United States v. Guerrero

910 F.3d 72
CourtCourt of Appeals for the Second Circuit
DecidedDecember 10, 2018
DocketDocket No. 17-1851-cr; August Term, 2017
StatusPublished
Cited by2 cases

This text of 910 F.3d 72 (United States v. Guerrero) is published on Counsel Stack Legal Research, covering Court of Appeals for the Second Circuit primary law. Counsel Stack provides free access to over 12 million legal documents including statutes, case law, regulations, and constitutions.

Bluebook
United States v. Guerrero, 910 F.3d 72 (2d Cir. 2018).

Opinion

Susan L. Carney, Circuit Judge:

*74Defendant-Appellant Jose Beltran Guerrero appeals from a judgment of the United States District Court for the Southern District of New York (Buchwald, J. ) sentencing him to 18 months' imprisonment pursuant to his guilty plea for illegal reentry into the United States, in violation of 8 U.S.C. § 1326(a). The District Court concluded that Guerrero's prior Arizona state law drug conviction qualified as a "felony drug trafficking offense" under U.S.S.G. § 2L1.2(b)(1)(B) (Nov. 2014); see also id. cmt. n.1(B)(iv). Based on this conclusion, it determined that the 2014 Guidelines, in effect at the time of the offense, and the 2016 Guidelines, in effect at the time of sentencing, produced the same sentencing range. And with this as predicate, it calculated the applicable sentencing range using the 2016 Guidelines, which base enhancements related to reentry crimes on the length of the state sentence, rather than on the substance of the state crime as the 2014 Guidelines did. The District Court then entered a below-Guidelines sentence. On appeal, Guerrero argues that the District Court erred because his prior Arizona drug conviction is not a "felony drug trafficking offense" and that therefore the 2014 Guidelines yield a lower Guidelines range. The lower Guidelines range should have been the District Court's starting point, he contends, and his sentence is for this reason tainted by procedural error.

Guided by our recent decision in United States v. Townsend , 897 F.3d 66 (2d Cir. 2018), we conclude that the phrase "controlled substance" as used in the 2014 Guidelines' definition of "felony drug trafficking offense" refers exclusively to those substances controlled under federal law. We further conclude that the Arizona statute of Guerrero's drug conviction is broader than corresponding federal law because it includes substances not listed by the federal Controlled Substances Act. As Guerrero maintains, then, his Arizona conviction does not qualify as a felony trafficking offense under U.S.S.G. § 2L1.2 (Nov. 2014). These conclusions compel us to rule that the District Court erred procedurally in sentencing Guerrero. Accordingly, we VACATE the sentence imposed by the District Court and REMAND for resentencing.

BACKGROUND

Guerrero,2 a native and citizen of Mexico, appeals his 18-month sentence for illegal reentry into the United States by a person previously removed, in violation of 8 U.S.C. § 1326(a).
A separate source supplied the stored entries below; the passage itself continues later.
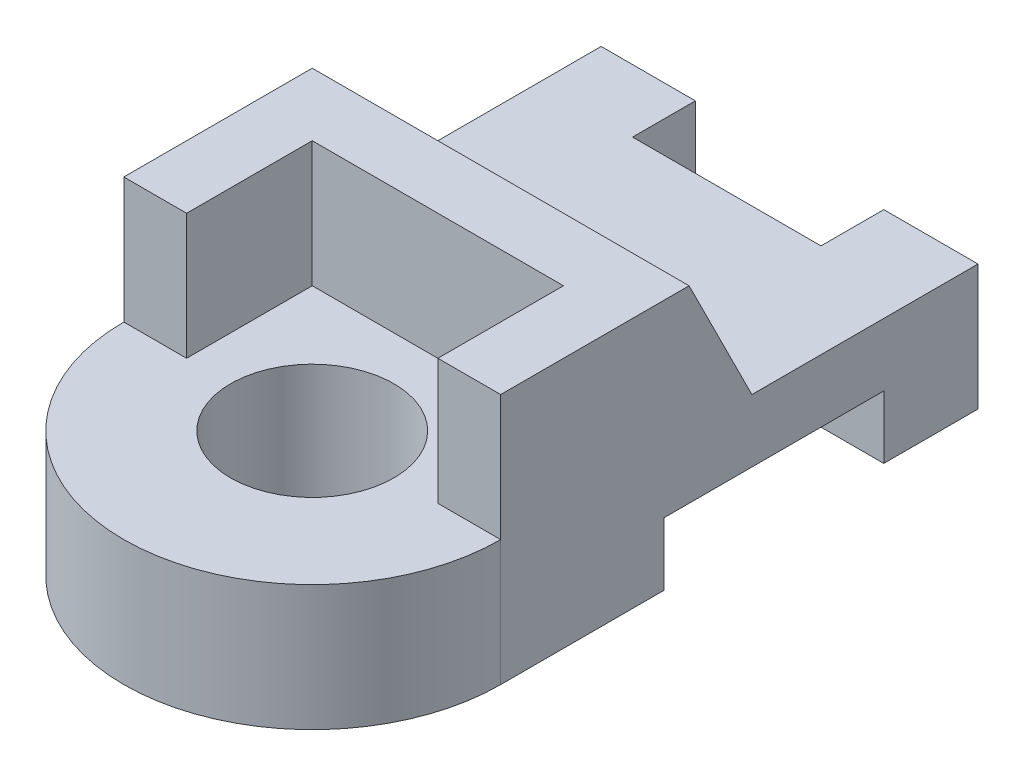
ISO-10303-21;
HEADER;
FILE_DESCRIPTION(('STEP AP214'),'2;1');
FILE_NAME('part.step','',(''),(''),'','','');
FILE_SCHEMA(('AUTOMOTIVE_DESIGN { 1 0 10303 214 1 1 1 1 }'));
ENDSEC;
DATA;
#1=APPLICATION_CONTEXT('core data for automotive mechanical design processes');
#2=APPLICATION_PROTOCOL_DEFINITION('international standard','automotive_design',2000,#1);
#3=PRODUCT_CONTEXT('',#1,'mechanical');
#4=PRODUCT('Part','Part','',(#3));
#5=PRODUCT_RELATED_PRODUCT_CATEGORY('part','',(#4));
#6=PRODUCT_DEFINITION_FORMATION('','',#4);
#7=PRODUCT_DEFINITION_CONTEXT('part definition',#1,'design');
#8=PRODUCT_DEFINITION('design','',#6,#7);
#9=PRODUCT_DEFINITION_SHAPE('','',#8);
#10=(LENGTH_UNIT() NAMED_UNIT(*) SI_UNIT(.MILLI.,.METRE.));
#11=(NAMED_UNIT(*) PLANE_ANGLE_UNIT() SI_UNIT($,.RADIAN.));
#12=(NAMED_UNIT(*) SI_UNIT($,.STERADIAN.) SOLID_ANGLE_UNIT());
#13=UNCERTAINTY_MEASURE_WITH_UNIT(LENGTH_MEASURE(1.E-05),#10,'distance_accuracy_value','');
#14=(GEOMETRIC_REPRESENTATION_CONTEXT(3) GLOBAL_UNCERTAINTY_ASSIGNED_CONTEXT((#13)) GLOBAL_UNIT_ASSIGNED_CONTEXT((#10,
#11,#12)) REPRESENTATION_CONTEXT('',''));
#15=CARTESIAN_POINT('',(0.,0.,0.));
#16=DIRECTION('',(0.,0.,1.));
#17=DIRECTION('',(1.,0.,0.));
#18=AXIS2_PLACEMENT_3D('',#15,#16,#17);
#19=CARTESIAN_POINT('',(30.,20.,0.));
#20=DIRECTION('',(0.,0.,-1.));
#21=DIRECTION('',(0.,1.,0.));
#22=AXIS2_PLACEMENT_3D('',#19,#20,#21);
#23=PLANE('',#22);
#24=DIRECTION('',(0.,1.,0.));
#25=VECTOR('',#24,1.);
#26=CARTESIAN_POINT('',(20.,-24.7213595499958,0.));
#27=LINE('',#26,#25);
#28=CARTESIAN_POINT('',(20.,20.,0.));
#29=VERTEX_POINT('',#28);
#30=CARTESIAN_POINT('',(20.,40.,0.));
#31=VERTEX_POINT('',#30);
#32=EDGE_CURVE('E193',#29,#31,#27,.T.);
#33=ORIENTED_EDGE('',*,*,#32,.F.);
#34=DIRECTION('',(-1.,0.,0.));
#35=VECTOR('',#34,1.);
#36=CARTESIAN_POINT('',(30.,20.,0.));
#37=LINE('',#36,#35);
#38=CARTESIAN_POINT('',(30.,20.,0.));
#39=VERTEX_POINT('',#38);
#40=EDGE_CURVE('E51',#39,#29,#37,.T.);
#41=ORIENTED_EDGE('',*,*,#40,.F.);
#42=DIRECTION('',(0.,-1.,0.));
#43=VECTOR('',#42,1.);
#44=CARTESIAN_POINT('',(30.,20.,0.));
#45=LINE('',#44,#43);
#46=CARTESIAN_POINT('',(30.,40.,0.));
#47=VERTEX_POINT('',#46);
#48=EDGE_CURVE('E201',#47,#39,#45,.T.);
#49=ORIENTED_EDGE('',*,*,#48,.F.);
#50=DIRECTION('',(-1.,0.,0.));
#51=VECTOR('',#50,1.);
#52=CARTESIAN_POINT('',(30.,40.,0.));
#53=LINE('',#52,#51);
#54=EDGE_CURVE('E196',#47,#31,#53,.T.);
#55=ORIENTED_EDGE('',*,*,#54,.T.);
#56=EDGE_LOOP('',(#33,#41,#49,#55));
#57=FACE_BOUND('',#56,.T.);
#58=ADVANCED_FACE('F41',(#57),#23,.F.);
#59=CARTESIAN_POINT('',(30.,40.,0.));
#60=DIRECTION('',(0.,-1.,0.));
#61=DIRECTION('',(0.,0.,-1.));
#62=AXIS2_PLACEMENT_3D('',#59,#60,#61);
#63=PLANE('',#62);
#64=DIRECTION('',(0.,0.,1.));
#65=VECTOR('',#64,1.);
#66=CARTESIAN_POINT('',(-20.,40.,0.));
#67=LINE('',#66,#65);
#68=CARTESIAN_POINT('',(-20.,40.,-20.));
#69=VERTEX_POINT('',#68);
#70=CARTESIAN_POINT('',(-20.,40.,0.));
#71=VERTEX_POINT('',#70);
#72=EDGE_CURVE('E173',#69,#71,#67,.T.);
#73=ORIENTED_EDGE('',*,*,#72,.F.);
#74=DIRECTION('',(-1.,0.,0.));
#75=VECTOR('',#74,1.);
#76=CARTESIAN_POINT('',(-20.,40.,-20.));
#77=LINE('',#76,#75);
#78=CARTESIAN_POINT('',(20.,40.,-20.));
#79=VERTEX_POINT('',#78);
#80=EDGE_CURVE('E195',#79,#69,#77,.T.);
#81=ORIENTED_EDGE('',*,*,#80,.F.);
#82=DIRECTION('',(0.,0.,-1.));
#83=VECTOR('',#82,1.);
#84=CARTESIAN_POINT('',(20.,40.,0.));
#85=LINE('',#84,#83);
#86=EDGE_CURVE('E59',#31,#79,#85,.T.);
#87=ORIENTED_EDGE('',*,*,#86,.F.);
#88=ORIENTED_EDGE('',*,*,#54,.F.);
#89=DIRECTION('',(0.,0.,1.));
#90=VECTOR('',#89,1.);
#91=CARTESIAN_POINT('',(30.,40.,0.));
#92=LINE('',#91,#90);
#93=CARTESIAN_POINT('',(30.,40.,-30.));
#94=VERTEX_POINT('',#93);
#95=EDGE_CURVE('E344',#94,#47,#92,.T.);
#96=ORIENTED_EDGE('',*,*,#95,.F.);
#97=DIRECTION('',(-1.,0.,0.));
#98=VECTOR('',#97,1.);
#99=CARTESIAN_POINT('',(30.,40.,-30.));
#100=LINE('',#99,#98);
#101=CARTESIAN_POINT('',(-30.,40.,-30.));
#102=VERTEX_POINT('',#101);
#103=EDGE_CURVE('E203',#94,#102,#100,.T.);
#104=ORIENTED_EDGE('',*,*,#103,.T.);
#105=DIRECTION('',(0.,0.,1.));
#106=VECTOR('',#105,1.);
#107=CARTESIAN_POINT('',(-30.,40.,0.));
#108=LINE('',#107,#106);
#109=CARTESIAN_POINT('',(-30.,40.,0.));
#110=VERTEX_POINT('',#109);
#111=EDGE_CURVE('E198',#102,#110,#108,.T.);
#112=ORIENTED_EDGE('',*,*,#111,.T.);
#113=EDGE_CURVE('E188',#71,#110,#53,.T.);
#114=ORIENTED_EDGE('',*,*,#113,.F.);
#115=EDGE_LOOP('',(#73,#81,#87,#88,#96,#104,#112,#114));
#116=FACE_BOUND('',#115,.T.);
#117=ADVANCED_FACE('F194',(#116),#63,.F.);
#118=CARTESIAN_POINT('',(0.,20.,0.));
#119=DIRECTION('',(0.,1.,0.));
#120=DIRECTION('',(0.,0.,1.));
#121=AXIS2_PLACEMENT_3D('',#118,#119,#120);
#122=PLANE('',#121);
#123=CARTESIAN_POINT('',(0.,20.,0.));
#124=DIRECTION('',(0.,1.,0.));
#125=DIRECTION('',(0.,0.,1.));
#126=AXIS2_PLACEMENT_3D('',#123,#124,#125);
#127=CIRCLE('',#126,13.);
#128=CARTESIAN_POINT('',(0.,20.,13.));
#129=VERTEX_POINT('',#128);
#130=EDGE_CURVE('E271',#129,#129,#127,.F.);
#131=ORIENTED_EDGE('',*,*,#130,.T.);
#132=EDGE_LOOP('',(#131));
#133=FACE_BOUND('',#132,.T.);
#134=CARTESIAN_POINT('',(0.,20.,0.));
#135=DIRECTION('',(0.,1.,0.));
#136=DIRECTION('',(0.,0.,1.));
#137=AXIS2_PLACEMENT_3D('',#134,#135,#136);
#138=CIRCLE('',#137,30.);
#139=CARTESIAN_POINT('',(-30.,20.,0.));
#140=VERTEX_POINT('',#139);
#141=EDGE_CURVE('E261',#39,#140,#138,.F.);
#142=ORIENTED_EDGE('',*,*,#141,.F.);
#143=ORIENTED_EDGE('',*,*,#40,.T.);
#144=DIRECTION('',(0.,0.,1.));
#145=VECTOR('',#144,1.);
#146=CARTESIAN_POINT('',(20.,20.,0.));
#147=LINE('',#146,#145);
#148=CARTESIAN_POINT('',(20.,20.,-20.));
#149=VERTEX_POINT('',#148);
#150=EDGE_CURVE('E359',#149,#29,#147,.T.);
#151=ORIENTED_EDGE('',*,*,#150,.F.);
#152=DIRECTION('',(1.,0.,0.));
#153=VECTOR('',#152,1.);
#154=CARTESIAN_POINT('',(-20.,20.,-20.));
#155=LINE('',#154,#153);
#156=CARTESIAN_POINT('',(-20.,20.,-20.));
#157=VERTEX_POINT('',#156);
#158=EDGE_CURVE('E363',#157,#149,#155,.T.);
#159=ORIENTED_EDGE('',*,*,#158,.F.);
#160=DIRECTION('',(0.,0.,-1.));
#161=VECTOR('',#160,1.);
#162=CARTESIAN_POINT('',(-20.,20.,0.));
#163=LINE('',#162,#161);
#164=CARTESIAN_POINT('',(-20.,20.,0.));
#165=VERTEX_POINT('',#164);
#166=EDGE_CURVE('E357',#165,#157,#163,.T.);
#167=ORIENTED_EDGE('',*,*,#166,.F.);
#168=EDGE_CURVE('E11',#165,#140,#37,.T.);
#169=ORIENTED_EDGE('',*,*,#168,.T.);
#170=EDGE_LOOP('',(#142,#143,#151,#159,#167,#169));
#171=FACE_BOUND('',#170,.T.);
#172=ADVANCED_FACE('F360',(#133,#171),#122,.T.);
#173=CARTESIAN_POINT('',(0.,20.,-76.));
#174=DIRECTION('',(0.,0.,1.));
#175=DIRECTION('',(1.,0.,0.));
#176=AXIS2_PLACEMENT_3D('',#173,#174,#175);
#177=PLANE('',#176);
#178=DIRECTION('',(0.,1.,0.));
#179=VECTOR('',#178,1.);
#180=CARTESIAN_POINT('',(-15.,-0.001000000000001,-76.));
#181=LINE('',#180,#179);
#182=CARTESIAN_POINT('',(-15.,0.,-76.));
#183=VERTEX_POINT('',#182);
#184=CARTESIAN_POINT('',(-15.,20.,-76.));
#185=VERTEX_POINT('',#184);
#186=EDGE_CURVE('E222',#183,#185,#181,.T.);
#187=ORIENTED_EDGE('',*,*,#186,.F.);
#188=DIRECTION('',(-1.,0.,0.));
#189=VECTOR('',#188,1.);
#190=CARTESIAN_POINT('',(0.,0.,-76.));
#191=LINE('',#190,#189);
#192=CARTESIAN_POINT('',(-30.,0.,-76.));
#193=VERTEX_POINT('',#192);
#194=EDGE_CURVE('E285',#183,#193,#191,.T.);
#195=ORIENTED_EDGE('',*,*,#194,.T.);
#196=DIRECTION('',(0.,-1.,0.));
#197=VECTOR('',#196,1.);
#198=CARTESIAN_POINT('',(-30.,20.,-76.));
#199=LINE('',#198,#197);
#200=CARTESIAN_POINT('',(-30.,20.,-76.));
#201=VERTEX_POINT('',#200);
#202=EDGE_CURVE('E273',#201,#193,#199,.T.);
#203=ORIENTED_EDGE('',*,*,#202,.F.);
#204=DIRECTION('',(-1.,0.,0.));
#205=VECTOR('',#204,1.);
#206=CARTESIAN_POINT('',(0.,20.,-76.));
#207=LINE('',#206,#205);
#208=EDGE_CURVE('E270',#185,#201,#207,.T.);
#209=ORIENTED_EDGE('',*,*,#208,.F.);
#210=EDGE_LOOP('',(#187,#195,#203,#209));
#211=FACE_BOUND('',#210,.T.);
#212=ADVANCED_FACE('F430',(#211),#177,.F.);
#213=CARTESIAN_POINT('',(0.,0.,0.));
#214=DIRECTION('',(0.,1.,0.));
#215=DIRECTION('',(0.,0.,1.));
#216=AXIS2_PLACEMENT_3D('',#213,#214,#215);
#217=PLANE('',#216);
#218=DIRECTION('',(0.,0.,-1.));
#219=VECTOR('',#218,1.);
#220=CARTESIAN_POINT('',(-15.,0.,-76.));
#221=LINE('',#220,#219);
#222=CARTESIAN_POINT('',(-15.,0.,-66.));
#223=VERTEX_POINT('',#222);
#224=EDGE_CURVE('E211',#223,#183,#221,.T.);
#225=ORIENTED_EDGE('',*,*,#224,.F.);
#226=DIRECTION('',(-1.,0.,0.));
#227=VECTOR('',#226,1.);
#228=CARTESIAN_POINT('',(-15.,0.,-66.));
#229=LINE('',#228,#227);
#230=CARTESIAN_POINT('',(15.,0.,-66.));
#231=VERTEX_POINT('',#230);
#232=EDGE_CURVE('E224',#231,#223,#229,.T.);
#233=ORIENTED_EDGE('',*,*,#232,.F.);
#234=DIRECTION('',(0.,0.,1.));
#235=VECTOR('',#234,1.);
#236=CARTESIAN_POINT('',(15.,0.,-76.));
#237=LINE('',#236,#235);
#238=CARTESIAN_POINT('',(15.,0.,-76.));
#239=VERTEX_POINT('',#238);
#240=EDGE_CURVE('E208',#239,#231,#237,.T.);
#241=ORIENTED_EDGE('',*,*,#240,.F.);
#242=CARTESIAN_POINT('',(30.,0.,-76.));
#243=VERTEX_POINT('',#242);
#244=EDGE_CURVE('E288',#243,#239,#191,.T.);
#245=ORIENTED_EDGE('',*,*,#244,.F.);
#246=DIRECTION('',(0.,0.,-1.));
#247=VECTOR('',#246,1.);
#248=CARTESIAN_POINT('',(30.,0.,0.));
#249=LINE('',#248,#247);
#250=CARTESIAN_POINT('',(30.,0.,-61.));
#251=VERTEX_POINT('',#250);
#252=EDGE_CURVE('E281',#251,#243,#249,.T.);
#253=ORIENTED_EDGE('',*,*,#252,.F.);
#254=DIRECTION('',(1.,0.,0.));
#255=VECTOR('',#254,1.);
#256=CARTESIAN_POINT('',(-30.001,0.,-61.));
#257=LINE('',#256,#255);
#258=CARTESIAN_POINT('',(-30.,0.,-61.));
#259=VERTEX_POINT('',#258);
#260=EDGE_CURVE('E254',#259,#251,#257,.T.);
#261=ORIENTED_EDGE('',*,*,#260,.F.);
#262=DIRECTION('',(0.,0.,1.));
#263=VECTOR('',#262,1.);
#264=CARTESIAN_POINT('',(-30.,0.,0.));
#265=LINE('',#264,#263);
#266=EDGE_CURVE('E274',#193,#259,#265,.T.);
#267=ORIENTED_EDGE('',*,*,#266,.F.);
#268=ORIENTED_EDGE('',*,*,#194,.F.);
#269=EDGE_LOOP('',(#225,#233,#241,#245,#253,#261,#267,#268));
#270=FACE_BOUND('',#269,.T.);
#271=ADVANCED_FACE('F328',(#270),#217,.F.);
#272=CARTESIAN_POINT('',(-30.,20.,0.));
#273=DIRECTION('',(1.,0.,0.));
#274=DIRECTION('',(0.,0.,-1.));
#275=AXIS2_PLACEMENT_3D('',#272,#273,#274);
#276=PLANE('',#275);
#277=DIRECTION('',(0.,1.,0.));
#278=VECTOR('',#277,1.);
#279=CARTESIAN_POINT('',(-30.,0.,-26.));
#280=LINE('',#279,#278);
#281=CARTESIAN_POINT('',(-30.,0.,-26.));
#282=VERTEX_POINT('',#281);
#283=CARTESIAN_POINT('',(-30.,10.,-26.));
#284=VERTEX_POINT('',#283);
#285=EDGE_CURVE('E236',#282,#284,#280,.T.);
#286=ORIENTED_EDGE('',*,*,#285,.F.);
#287=CARTESIAN_POINT('',(-30.,0.,0.));
#288=VERTEX_POINT('',#287);
#289=EDGE_CURVE('E253',#282,#288,#265,.T.);
#290=ORIENTED_EDGE('',*,*,#289,.T.);
#291=DIRECTION('',(0.,-1.,0.));
#292=VECTOR('',#291,1.);
#293=CARTESIAN_POINT('',(-30.,20.,0.));
#294=LINE('',#293,#292);
#295=EDGE_CURVE('E44',#140,#288,#294,.T.);
#296=ORIENTED_EDGE('',*,*,#295,.F.);
#297=DIRECTION('',(0.,-1.,0.));
#298=VECTOR('',#297,1.);
#299=CARTESIAN_POINT('',(-30.,20.,0.));
#300=LINE('',#299,#298);
#301=EDGE_CURVE('E342',#110,#140,#300,.T.);
#302=ORIENTED_EDGE('',*,*,#301,.F.);
#303=ORIENTED_EDGE('',*,*,#111,.F.);
#304=DIRECTION('',(0.,0.894427190999916,0.447213595499959));
#305=VECTOR('',#304,1.);
#306=CARTESIAN_POINT('',(-30.,40.,-30.));
#307=LINE('',#306,#305);
#308=CARTESIAN_POINT('',(-30.,20.,-40.));
#309=VERTEX_POINT('',#308);
#310=EDGE_CURVE('E362',#309,#102,#307,.T.);
#311=ORIENTED_EDGE('',*,*,#310,.F.);
#312=DIRECTION('',(0.,0.,1.));
#313=VECTOR('',#312,1.);
#314=CARTESIAN_POINT('',(-30.,20.,0.));
#315=LINE('',#314,#313);
#316=EDGE_CURVE('E259',#201,#309,#315,.T.);
#317=ORIENTED_EDGE('',*,*,#316,.F.);
#318=ORIENTED_EDGE('',*,*,#202,.T.);
#319=ORIENTED_EDGE('',*,*,#266,.T.);
#320=DIRECTION('',(0.,-1.,0.));
#321=VECTOR('',#320,1.);
#322=CARTESIAN_POINT('',(-30.,0.,-61.));
#323=LINE('',#322,#321);
#324=CARTESIAN_POINT('',(-30.,10.,-61.));
#325=VERTEX_POINT('',#324);
#326=EDGE_CURVE('E231',#325,#259,#323,.T.);
#327=ORIENTED_EDGE('',*,*,#326,.F.);
#328=DIRECTION('',(0.,0.,-1.));
#329=VECTOR('',#328,1.);
#330=CARTESIAN_POINT('',(-30.,10.,-26.));
#331=LINE('',#330,#329);
#332=EDGE_CURVE('E232',#284,#325,#331,.T.);
#333=ORIENTED_EDGE('',*,*,#332,.F.);
#334=EDGE_LOOP('',(#286,#290,#296,#302,#303,#311,#317,#318,#319,#327,#333));
#335=FACE_BOUND('',#334,.T.);
#336=ADVANCED_FACE('F43',(#335),#276,.F.);
#337=CARTESIAN_POINT('',(30.,20.,0.));
#338=DIRECTION('',(-1.,0.,0.));
#339=DIRECTION('',(0.,0.,1.));
#340=AXIS2_PLACEMENT_3D('',#337,#338,#339);
#341=PLANE('',#340);
#342=DIRECTION('',(0.,-1.,0.));
#343=VECTOR('',#342,1.);
#344=CARTESIAN_POINT('',(30.,0.,-26.));
#345=LINE('',#344,#343);
#346=CARTESIAN_POINT('',(30.,10.,-26.));
#347=VERTEX_POINT('',#346);
#348=CARTESIAN_POINT('',(30.,0.,-26.));
#349=VERTEX_POINT('',#348);
#350=EDGE_CURVE('E241',#347,#349,#345,.T.);
#351=ORIENTED_EDGE('',*,*,#350,.F.);
#352=DIRECTION('',(0.,0.,1.));
#353=VECTOR('',#352,1.);
#354=CARTESIAN_POINT('',(30.,10.,-26.));
#355=LINE('',#354,#353);
#356=CARTESIAN_POINT('',(30.,10.,-61.));
#357=VERTEX_POINT('',#356);
#358=EDGE_CURVE('E245',#357,#347,#355,.T.);
#359=ORIENTED_EDGE('',*,*,#358,.F.);
#360=DIRECTION('',(0.,1.,0.));
#361=VECTOR('',#360,1.);
#362=CARTESIAN_POINT('',(30.,0.,-61.));
#363=LINE('',#362,#361);
#364=EDGE_CURVE('E244',#251,#357,#363,.T.);
#365=ORIENTED_EDGE('',*,*,#364,.F.);
#366=ORIENTED_EDGE('',*,*,#252,.T.);
#367=DIRECTION('',(0.,-1.,0.));
#368=VECTOR('',#367,1.);
#369=CARTESIAN_POINT('',(30.,20.,-76.));
#370=LINE('',#369,#368);
#371=CARTESIAN_POINT('',(30.,20.,-76.));
#372=VERTEX_POINT('',#371);
#373=EDGE_CURVE('E291',#372,#243,#370,.T.);
#374=ORIENTED_EDGE('',*,*,#373,.F.);
#375=DIRECTION('',(0.,0.,-1.));
#376=VECTOR('',#375,1.);
#377=CARTESIAN_POINT('',(30.,20.,0.));
#378=LINE('',#377,#376);
#379=CARTESIAN_POINT('',(30.,20.,-40.));
#380=VERTEX_POINT('',#379);
#381=EDGE_CURVE('E264',#380,#372,#378,.T.);
#382=ORIENTED_EDGE('',*,*,#381,.F.);
#383=DIRECTION('',(0.,0.894427190999916,0.447213595499959));
#384=VECTOR('',#383,1.);
#385=CARTESIAN_POINT('',(30.,40.,-30.));
#386=LINE('',#385,#384);
#387=EDGE_CURVE('E337',#380,#94,#386,.T.);
#388=ORIENTED_EDGE('',*,*,#387,.T.);
#389=ORIENTED_EDGE('',*,*,#95,.T.);
#390=ORIENTED_EDGE('',*,*,#48,.T.);
#391=DIRECTION('',(0.,-1.,0.));
#392=VECTOR('',#391,1.);
#393=CARTESIAN_POINT('',(30.,20.,0.));
#394=LINE('',#393,#392);
#395=CARTESIAN_POINT('',(30.,0.,0.));
#396=VERTEX_POINT('',#395);
#397=EDGE_CURVE('E293',#39,#396,#394,.T.);
#398=ORIENTED_EDGE('',*,*,#397,.T.);
#399=EDGE_CURVE('E282',#396,#349,#249,.T.);
#400=ORIENTED_EDGE('',*,*,#399,.T.);
#401=EDGE_LOOP('',(#351,#359,#365,#366,#374,#382,#388,#389,#390,#398,#400));
#402=FACE_BOUND('',#401,.T.);
#403=ADVANCED_FACE('F313',(#402),#341,.F.);
#404=CARTESIAN_POINT('',(0.,20.,0.));
#405=DIRECTION('',(0.,-1.,0.));
#406=DIRECTION('',(0.,0.,-1.));
#407=AXIS2_PLACEMENT_3D('',#404,#405,#406);
#408=CYLINDRICAL_SURFACE('',#407,30.);
#409=CARTESIAN_POINT('',(0.,0.,0.));
#410=DIRECTION('',(0.,1.,0.));
#411=DIRECTION('',(0.,0.,1.));
#412=AXIS2_PLACEMENT_3D('',#409,#410,#411);
#413=CIRCLE('',#412,30.);
#414=EDGE_CURVE('E279',#396,#288,#413,.F.);
#415=ORIENTED_EDGE('',*,*,#414,.F.);
#416=ORIENTED_EDGE('',*,*,#397,.F.);
#417=ORIENTED_EDGE('',*,*,#141,.T.);
#418=ORIENTED_EDGE('',*,*,#295,.T.);
#419=EDGE_LOOP('',(#415,#416,#417,#418));
#420=FACE_BOUND('',#419,.T.);
#421=ADVANCED_FACE('F301',(#420),#408,.T.);
#422=ORIENTED_EDGE('',*,*,#244,.T.);
#423=DIRECTION('',(0.,1.,0.));
#424=VECTOR('',#423,1.);
#425=CARTESIAN_POINT('',(15.,-0.001000000000001,-76.));
#426=LINE('',#425,#424);
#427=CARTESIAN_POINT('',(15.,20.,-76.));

Guerrero has been arrested and removed from this country several times. He was most recently removed in 2014. In September 2015, Guerrero-once again in the United States-was arrested in Manhattan and charged with a state drug possession offense. He pleaded guilty and was sentenced in July 2016 to four years' imprisonment. The government then brought the instant unlawful reentry charge against Guerrero. He eventually pleaded guilty to unlawful reentry in violation of 8 U.S.C. § 1326(a).

His sentencing for unlawful reentry required consideration of both the 2015 New York drug possession offense and a drug offense conviction that he sustained in Arizona in 2013 (the "Arizona conviction"). Guerrero urges that the District Court erred when it concluded that the Arizona conviction qualified as a "drug trafficking *75offense" under § 2L1.2 of the 2014 Guidelines, a conclusion that established the framework for its ultimate sentencing decision, as we will describe.3

Under § 2L1.2 of the 2014 Guidelines, which addresses defendants convicted of unlawfully entering or remaining in the United States, a defendant with Guerrero's criminal history receives a 12-level enhancement if he has sustained a conviction for "a felony drug trafficking offense for which the sentence imposed was 13 months or less." U.S.S.G. § 2L1.2(b)(2)(B) (Nov. 2014). The Guidelines define "drug trafficking offense" in the commentary to § 2L1.2 as:

An offense under federal, state, or local law that prohibits the manufacture, import, export, distribution, or dispensing of, or offer to sell a controlled substance (or a counterfeit substance) or the possession of a controlled substance (or a counterfeit substance) with intent to manufacture, import, export, distribute, or dispense.

U.S.S.G. § 2L1.2 cmt. n.1(B)(iv) (Nov. 2014).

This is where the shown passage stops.